When to start brushing
As soon as they appear! When you see that first tooth pop through that’s the time to begin brushing. Brush your baby’s teeth twice a day. The bedtime brush is the most important as teeth are more vulnerable to decay at night. The second brush can be whatever time best fits with your routine.
Which teeth appear first
By the time your baby is 2 to 3 years old they will have 20 baby teeth in total (adults have 32 teeth). The front teeth tend to appear first and the back teeth last the later. Next are usually the two upper front teeth. Both top and bottom front teeth grow right in the middle so they’re easy to spot.

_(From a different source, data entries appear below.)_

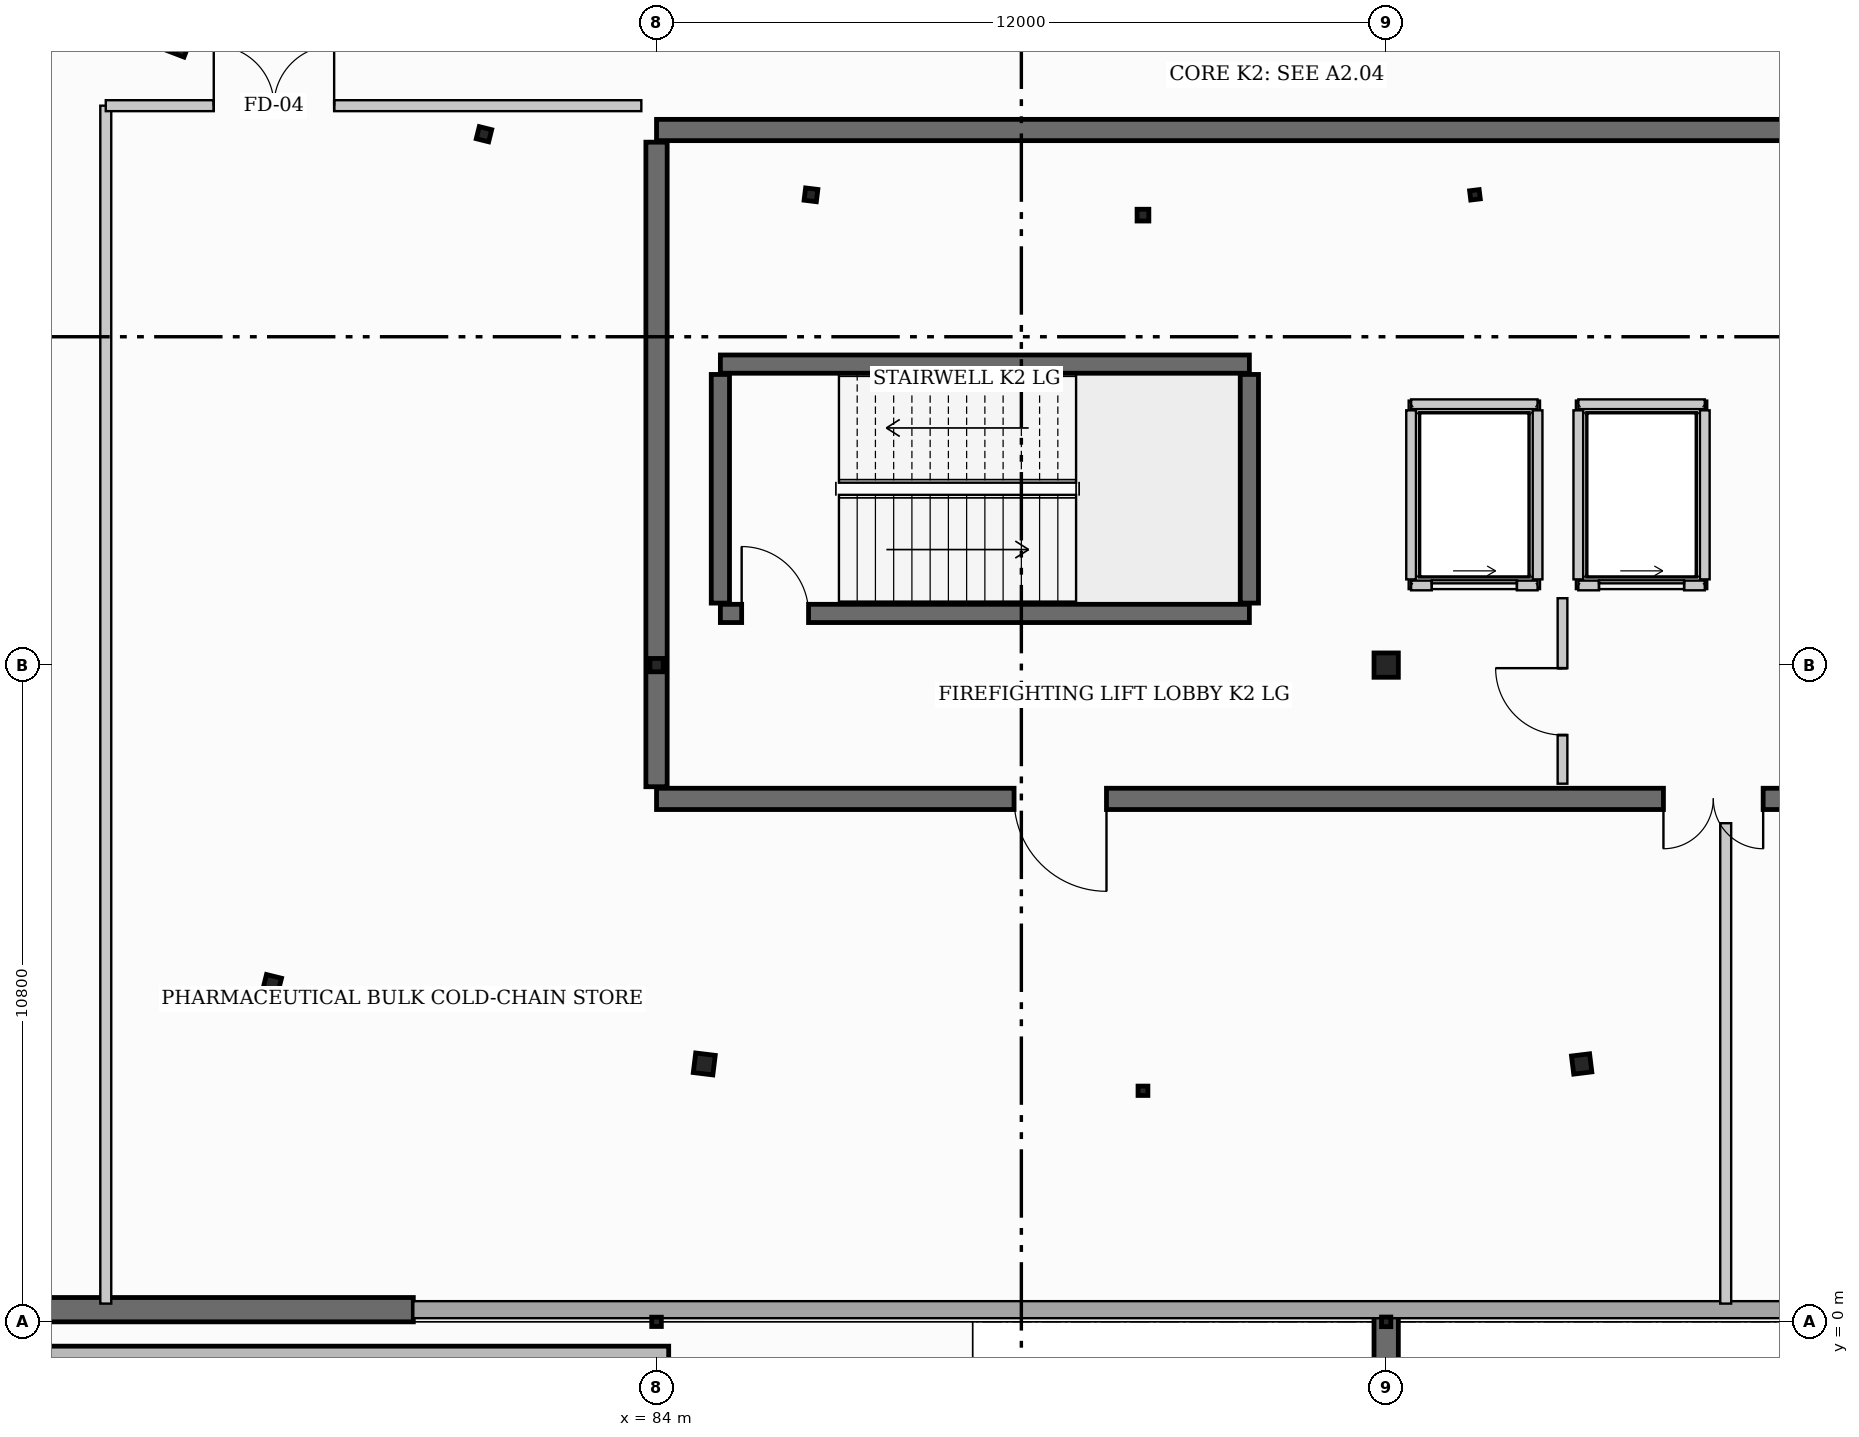
"""IFC4 building model, lengths in metres.
Left out: names, types, materials, properties, quantities, classifications, styles, units other than length and angle.
Written with IfcOpenShell. Run it as: python <this file> out.ifc"""

import sys

from ifc_helpers import new_model, si_unit, direction, frame, frame_2d, origin, origin_2d, place, context, subcontext, project, spatial, rectangle, hollow_rectangle, hollow_circle, i_section, extrude, element, fill, save


model = new_model("IFC4")
c1 = context("Model", 3, precision=1e-05, world=origin(), true_north=direction((0.0, 1.0)))
c2 = subcontext(c1, "Body", "Model", "MODEL_VIEW")
j1 = project(units=[si_unit("LENGTHUNIT", "METRE"), si_unit("PLANEANGLEUNIT", "RADIAN")], contexts=[c1])
p1 = place(None, origin())
s1 = spatial("IfcSite", under=j1, at=p1, CompositionType="ELEMENT")
p2 = place(p1, origin())
s2 = spatial("IfcBuilding", under=s1, at=p2, CompositionType="ELEMENT")
p3 = place(p2, frame((0.0, 0.0, -4.8)))
s3 = spatial("IfcBuildingStorey", under=s2, at=p3, CompositionType="ELEMENT", Elevation=-4.8)
p4 = place(p3, frame((50.0, 0.2, 0.0), z_axis=(0.0, 0.0, 1.0), x_axis=(1.0, 0.0, 0.0)))
e1 = element("IfcWall", 1, at=p4, inside=s3, PredefinedType="USERDEFINED", context=c2, shape_type="SweptSolid", body=[
    extrude(rectangle(XDim=30.0, YDim=0.4, at=frame_2d((15.0, 0.0))), origin(), (0.0, 0.0, 1.0), 4.8),
])
p5 = place(p3, frame((96.0, -4.2, 0.0), z_axis=(0.0, 0.0, 1.0), x_axis=(0.0, 1.0, 0.0)))
e2 = element("IfcWall", 2, at=p5, inside=s3, PredefinedType="USERDEFINED", context=c2, shape_type="SweptSolid", body=[
    extrude(rectangle(XDim=4.4, YDim=0.4, at=frame_2d((2.2, 0.0))), origin(), (0.0, 0.0, 1.0), 4.8),
])
p6 = place(p3, frame((84.0, 0.0, 0.0), z_axis=(0.0, 0.0, 1.0), x_axis=(0.0, 1.0, 0.0)))
e3 = element("IfcColumn", 3, at=p6, inside=s3, PredefinedType="COLUMN", context=c2, shape_type="SweptSolid", body=[
    extrude(i_section(OverallWidth=0.153, OverallDepth=0.158, WebThickness=0.007, FlangeThickness=0.01, at=origin_2d()), origin(), (0.0, 0.0, 1.0), 4.8),
])
p7 = place(p3, frame((84.0, 10.8, 0.0), z_axis=(0.0, 0.0, 1.0), x_axis=(0.0, 1.0, 0.0)))
e4 = element("IfcColumn", 4, at=p7, inside=s3, PredefinedType="COLUMN", context=c2, shape_type="SweptSolid", body=[
    extrude(hollow_circle(Radius=0.11, WallThickness=0.01, at=origin_2d()), origin(), (0.0, 0.0, 1.0), 4.8),
])
p8 = place(p3, frame((96.0, 0.0, 0.0), z_axis=(0.0, 0.0, 1.0), x_axis=(1.0, 0.0, 0.0)))
e5 = element("IfcColumn", 5, at=p8, inside=s3, PredefinedType="COLUMN", context=c2, shape_type="SweptSolid", body=[
    extrude(i_section(OverallWidth=0.153, OverallDepth=0.158, WebThickness=0.007, FlangeThickness=0.01, at=origin_2d()), origin(), (0.0, 0.0, 1.0), 4.8),
])
p9 = place(p3, frame((96.0, 10.8, 0.0), z_axis=(0.0, 0.0, 1.0), x_axis=(1.0, 0.0, 0.0)))
e6 = element("IfcColumn", 6, at=p9, inside=s3, PredefinedType="COLUMN", context=c2, shape_type="SweptSolid", body=[
    extrude(i_section(OverallWidth=0.4, OverallDepth=0.4, WebThickness=0.02, FlangeThickness=0.028, at=origin_2d()), origin(), (0.0, 0.0, 1.0), 4.8),
])
p10 = place(p3, frame((75.945, 21.176, 0.0), z_axis=(0.0, 0.0, 1.0), x_axis=(0.358367949545, 0.933580426497, 0.0)))
e7 = element("IfcColumn", 7, at=p10, inside=s3, PredefinedType="PILASTER", context=c2, shape_type="SweptSolid", body=[
    extrude(rectangle(XDim=0.5, YDim=0.8, at=origin_2d()), origin(), (0.0, 0.0, 1.0), 4.8),
])
p11 = place(p3, frame((77.678, 5.558, 0.0), z_axis=(0.0, 0.0, 1.0), x_axis=(0.2419218956, 0.970295726276, 0.0)))
e8 = element("IfcColumn", 8, at=p11, inside=s3, PredefinedType="COLUMN", context=c2, shape_type="SweptSolid", body=[
    extrude(i_section(OverallWidth=0.254, OverallDepth=0.254, WebThickness=0.009, FlangeThickness=0.014, at=origin_2d()), origin(), (0.0, 0.0, 1.0), 4.8),
])
p12 = place(p3, frame((81.162, 19.531, 0.0), z_axis=(0.0, 0.0, 1.0), x_axis=(0.2419218956, 0.970295726276, 0.0)))
e9 = element("IfcColumn", 9, at=p12, inside=s3, PredefinedType="COLUMN", context=c2, shape_type="SweptSolid", body=[
    extrude(i_section(OverallWidth=0.205, OverallDepth=0.21, WebThickness=0.009, FlangeThickness=0.014, at=origin_2d()), origin(), (0.0, 0.0, 1.0), 4.8),
])
p13 = place(p3, frame((84.785, 4.241, 0.0), z_axis=(0.0, 0.0, 1.0), x_axis=(0.121869343405, 0.992546151641, 0.0)))
e10 = element("IfcColumn", 10, at=p13, inside=s3, PredefinedType="COLUMN", context=c2, shape_type="SweptSolid", body=[
    extrude(hollow_circle(Radius=0.162, WallThickness=0.013, at=origin_2d()), origin(), (0.0, 0.0, 1.0), 4.8),
])
p14 = place(p3, frame((86.54, 18.534, 0.0), z_axis=(0.0, 0.0, 1.0), x_axis=(0.121869343405, 0.992546151641, 0.0)))
e11 = element("IfcColumn", 11, at=p14, inside=s3, PredefinedType="COLUMN", context=c2, shape_type="SweptSolid", body=[
    extrude(i_section(OverallWidth=0.203, OverallDepth=0.203, WebThickness=0.007, FlangeThickness=0.011, at=origin_2d()), origin(), (0.0, 0.0, 1.0), 4.8),
])
p15 = place(p3, frame((92.0, 3.8, 0.0), z_axis=(0.0, 0.0, 1.0), x_axis=(0.0, 1.0, 0.0)))
e12 = element("IfcColumn", 12, at=p15, inside=s3, PredefinedType="COLUMN", context=c2, shape_type="SweptSolid", body=[
    extrude(i_section(OverallWidth=0.154, OverallDepth=0.162, WebThickness=0.008, FlangeThickness=0.011, at=origin_2d()), origin(), (0.0, 0.0, 1.0), 4.8),
])
p16 = place(p3, frame((92.0, 18.2, 0.0), z_axis=(0.0, 0.0, 1.0), x_axis=(0.0, 1.0, 0.0)))
e13 = element("IfcColumn", 13, at=p16, inside=s3, PredefinedType="COLUMN", context=c2, shape_type="SweptSolid", body=[
    extrude(hollow_circle(Radius=0.097, WallThickness=0.008, at=origin_2d()), origin(), (0.0, 0.0, 1.0), 4.8),
])
p17 = place(p3, frame((99.215, 4.241, 0.0), z_axis=(0.0, 0.0, 1.0), x_axis=(-0.121869343405, 0.992546151641, 0.0)))
e14 = element("IfcColumn", 14, at=p17, inside=s3, PredefinedType="COLUMN", context=c2, shape_type="SweptSolid", body=[
    extrude(hollow_rectangle(XDim=0.3, YDim=0.3, WallThickness=0.012, at=origin_2d()), origin(), (0.0, 0.0, 1.0), 4.8),
])
p18 = place(p3, frame((97.46, 18.534, 0.0), z_axis=(0.0, 0.0, 1.0), x_axis=(-0.121869343405, 0.992546151641, 0.0)))
e15 = element("IfcColumn", 15, at=p18, inside=s3, PredefinedType="COLUMN", context=c2, shape_type="SweptSolid", body=[
    extrude(i_section(OverallWidth=0.153, OverallDepth=0.158, WebThickness=0.007, FlangeThickness=0.01, at=origin_2d()), origin(), (0.0, 0.0, 1.0), 4.8),
])
p19 = place(p3, frame((84.0, 19.6, 0.0), z_axis=(0.0, 0.0, 1.0), x_axis=(1.0, 0.0, 0.0)))
e16 = element("IfcWall", 16, at=p19, inside=s3, PredefinedType="SHEAR", context=c2, shape_type="SweptSolid", body=[
    extrude(rectangle(XDim=20.4, YDim=0.35, at=frame_2d((10.2, 0.0))), origin(), (0.0, 0.0, 1.0), 4.8),
])
p20 = place(p3, frame((104.4, 8.6, 0.0), z_axis=(0.0, 0.0, 1.0), x_axis=(-1.0, 0.0, 0.0)))
e17 = element("IfcWall", 17, at=p20, inside=s3, PredefinedType="SHEAR", context=c2, shape_type="SweptSolid", body=[
    extrude(rectangle(XDim=20.4, YDim=0.35, at=frame_2d((10.2, 0.0))), origin(), (0.0, 0.0, 1.0), 4.8),
])
p21 = place(p20, frame((2.2, 0.0, 0.0)))
e18 = element("IfcOpeningElement", 18, at=p21, cuts=e17, PredefinedType="OPENING", context=c2, shape_type="SweptSolid", body=[
    extrude(rectangle(XDim=1.64, YDim=2.2, at=frame_2d((0.82, 1.1))), frame((0.0, 0.185, 0.0), z_axis=(0.0, -1.0, 0.0), x_axis=(1.0, 0.0, 0.0)), (0.0, 0.0, 1.0), 0.37),
])
p22 = place(p20, frame((13.0, 0.0, 0.0)))
e19 = element("IfcOpeningElement", 19, at=p22, cuts=e17, PredefinedType="OPENING", context=c2, shape_type="SweptSolid", body=[
    extrude(rectangle(XDim=1.52, YDim=2.16, at=frame_2d((0.76, 1.08))), frame((0.0, 0.185, 0.0), z_axis=(0.0, -1.0, 0.0), x_axis=(1.0, 0.0, 0.0)), (0.0, 0.0, 1.0), 0.37),
])
p23 = place(p3, frame((84.0, 8.8, 0.0), z_axis=(0.0, 0.0, 1.0), x_axis=(0.0, 1.0, 0.0)))
e20 = element("IfcWall", 20, at=p23, inside=s3, PredefinedType="SHEAR", context=c2, shape_type="SweptSolid", body=[
    extrude(rectangle(XDim=10.6, YDim=0.35, at=frame_2d((5.3, 0.0))), origin(), (0.0, 0.0, 1.0), 4.8),
])
p24 = place(p3, frame((85.05, 11.65, 0.0), z_axis=(0.0, 0.0, 1.0), x_axis=(1.0, 0.0, 0.0)))
e21 = element("IfcWall", 21, at=p24, inside=s3, PredefinedType="SHEAR", context=c2, shape_type="SweptSolid", body=[
    extrude(rectangle(XDim=8.7, YDim=0.3, at=frame_2d((4.35, 0.0))), origin(), (0.0, 0.0, 1.0), 4.8),
])
p25 = place(p24, frame((0.35, 0.0, 0.0)))
e22 = element("IfcOpeningElement", 22, at=p25, cuts=e21, PredefinedType="OPENING", context=c2, shape_type="SweptSolid", body=[
    extrude(rectangle(XDim=1.1, YDim=2.15, at=frame_2d((0.55, 1.075))), frame((0.0, 0.16, 0.0), z_axis=(0.0, -1.0, 0.0), x_axis=(1.0, 0.0, 0.0)), (0.0, 0.0, 1.0), 0.32),
])
p26 = place(p3, frame((93.75, 15.75, 0.0), z_axis=(0.0, 0.0, 1.0), x_axis=(-1.0, 0.0, 0.0)))
e23 = element("IfcWall", 23, at=p26, inside=s3, PredefinedType="SHEAR", context=c2, shape_type="SweptSolid", body=[
    extrude(rectangle(XDim=8.7, YDim=0.3, at=frame_2d((4.35, 0.0))), origin(), (0.0, 0.0, 1.0), 4.8),
])
for number, where, z_axis, x_axis in (
    (24, (85.05, 11.82, 0.0), (0.0, 0.0, 1.0), (0.0, 1.0, 0.0)),
    (25, (93.75, 11.82, 0.0), (0.0, 0.0, 1.0), (0.0, 1.0, 0.0)),
):
    element("IfcWall", number, at=place(p3, frame(where, z_axis=z_axis, x_axis=x_axis)), inside=s3, PredefinedType="SHEAR", context=c2, shape_type="SweptSolid", body=[
        extrude(rectangle(XDim=3.76, YDim=0.3, at=frame_2d((1.88, 0.0))), origin(), (0.0, 0.0, 1.0), 4.8),
    ])
p27 = place(p3, frame((132.0, 0.2, 0.0), z_axis=(0.0, 0.0, 1.0), x_axis=(-1.0, 0.0, 0.0)))
e26 = element("IfcWall", 26, at=p27, inside=s3, PredefinedType="STANDARD", context=c2, shape_type="SweptSolid", body=[
    extrude(rectangle(XDim=52.0, YDim=0.28, at=frame_2d((26.0, 0.0))), origin(), (0.0, 0.0, 1.0), 3.465),
])
p28 = place(p3, frame((96.41, 12.11, 0.0), z_axis=(0.0, 0.0, 1.0), x_axis=(1.0, 0.0, 0.0)))
e27 = element("IfcWall", 27, at=p28, inside=s3, PredefinedType="PARTITIONING", context=c2, shape_type="SweptSolid", body=[
    extrude(rectangle(XDim=2.08, YDim=0.16, at=frame_2d((1.04, 0.0))), origin(), (0.0, 0.0, 1.0), 4.43),
])
p29 = place(p28, frame((0.34, 0.0, 0.0)))
e28 = element("IfcOpeningElement", 28, at=p29, cuts=e27, PredefinedType="OPENING", context=c2, shape_type="SweptSolid", body=[
    extrude(rectangle(XDim=1.4, YDim=2.2, at=frame_2d((0.7, 1.1))), frame((0.0, 0.09, 0.0), z_axis=(0.0, -1.0, 0.0), x_axis=(1.0, 0.0, 0.0)), (0.0, 0.0, 1.0), 0.18),
])
p30 = place(p3, frame((98.49, 15.09, 0.0), z_axis=(0.0, 0.0, 1.0), x_axis=(-1.0, 0.0, 0.0)))
e29 = element("IfcWall", 29, at=p30, inside=s3, PredefinedType="PARTITIONING", context=c2, shape_type="SweptSolid", body=[
    extrude(rectangle(XDim=2.08, YDim=0.16, at=frame_2d((1.04, 0.0))), origin(), (0.0, 0.0, 1.0), 4.43),
])
for number, where, z_axis, x_axis in (
    (30, (96.41, 14.99, 0.0), (0.0, 0.0, 1.0), (0.0, -1.0, 0.0)),
    (31, (98.49, 12.21, 0.0), (0.0, 0.0, 1.0), (0.0, 1.0, 0.0)),
):
    element("IfcWall", number, at=place(p3, frame(where, z_axis=z_axis, x_axis=x_axis)), inside=s3, PredefinedType="PARTITIONING", context=c2, shape_type="SweptSolid", body=[
        extrude(rectangle(XDim=2.78, YDim=0.16, at=frame_2d((1.39, 0.0))), origin(), (0.0, 0.0, 1.0), 4.43),
    ])
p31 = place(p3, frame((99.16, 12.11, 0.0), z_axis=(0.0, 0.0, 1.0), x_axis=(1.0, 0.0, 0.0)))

The rest of your baby’s teeth will come through in roughly 6 months intervals. Baby teeth last a pretty long time (up to 10 years) and don’t begin to fall out until kids are around six years old.
What is the difference between baby teeth and adult teeth?
Baby teeth are smaller and whiter than adult teeth. The hard outer layer (known as enamel) is thinner in baby teeth. This means that baby teeth can decay more easily than adult teeth (another reason to establish a good brushing routine).
Just like adult teeth, baby teeth have roots too, although we don’t see any roots by the time baby teeth fall out. The roots on baby teeth start to disappear as the adult teeth grow up underneath them and this prepares the teeth for falling out (and easier to wobble them too).
Why do baby teeth matter (as they fall out anyway)?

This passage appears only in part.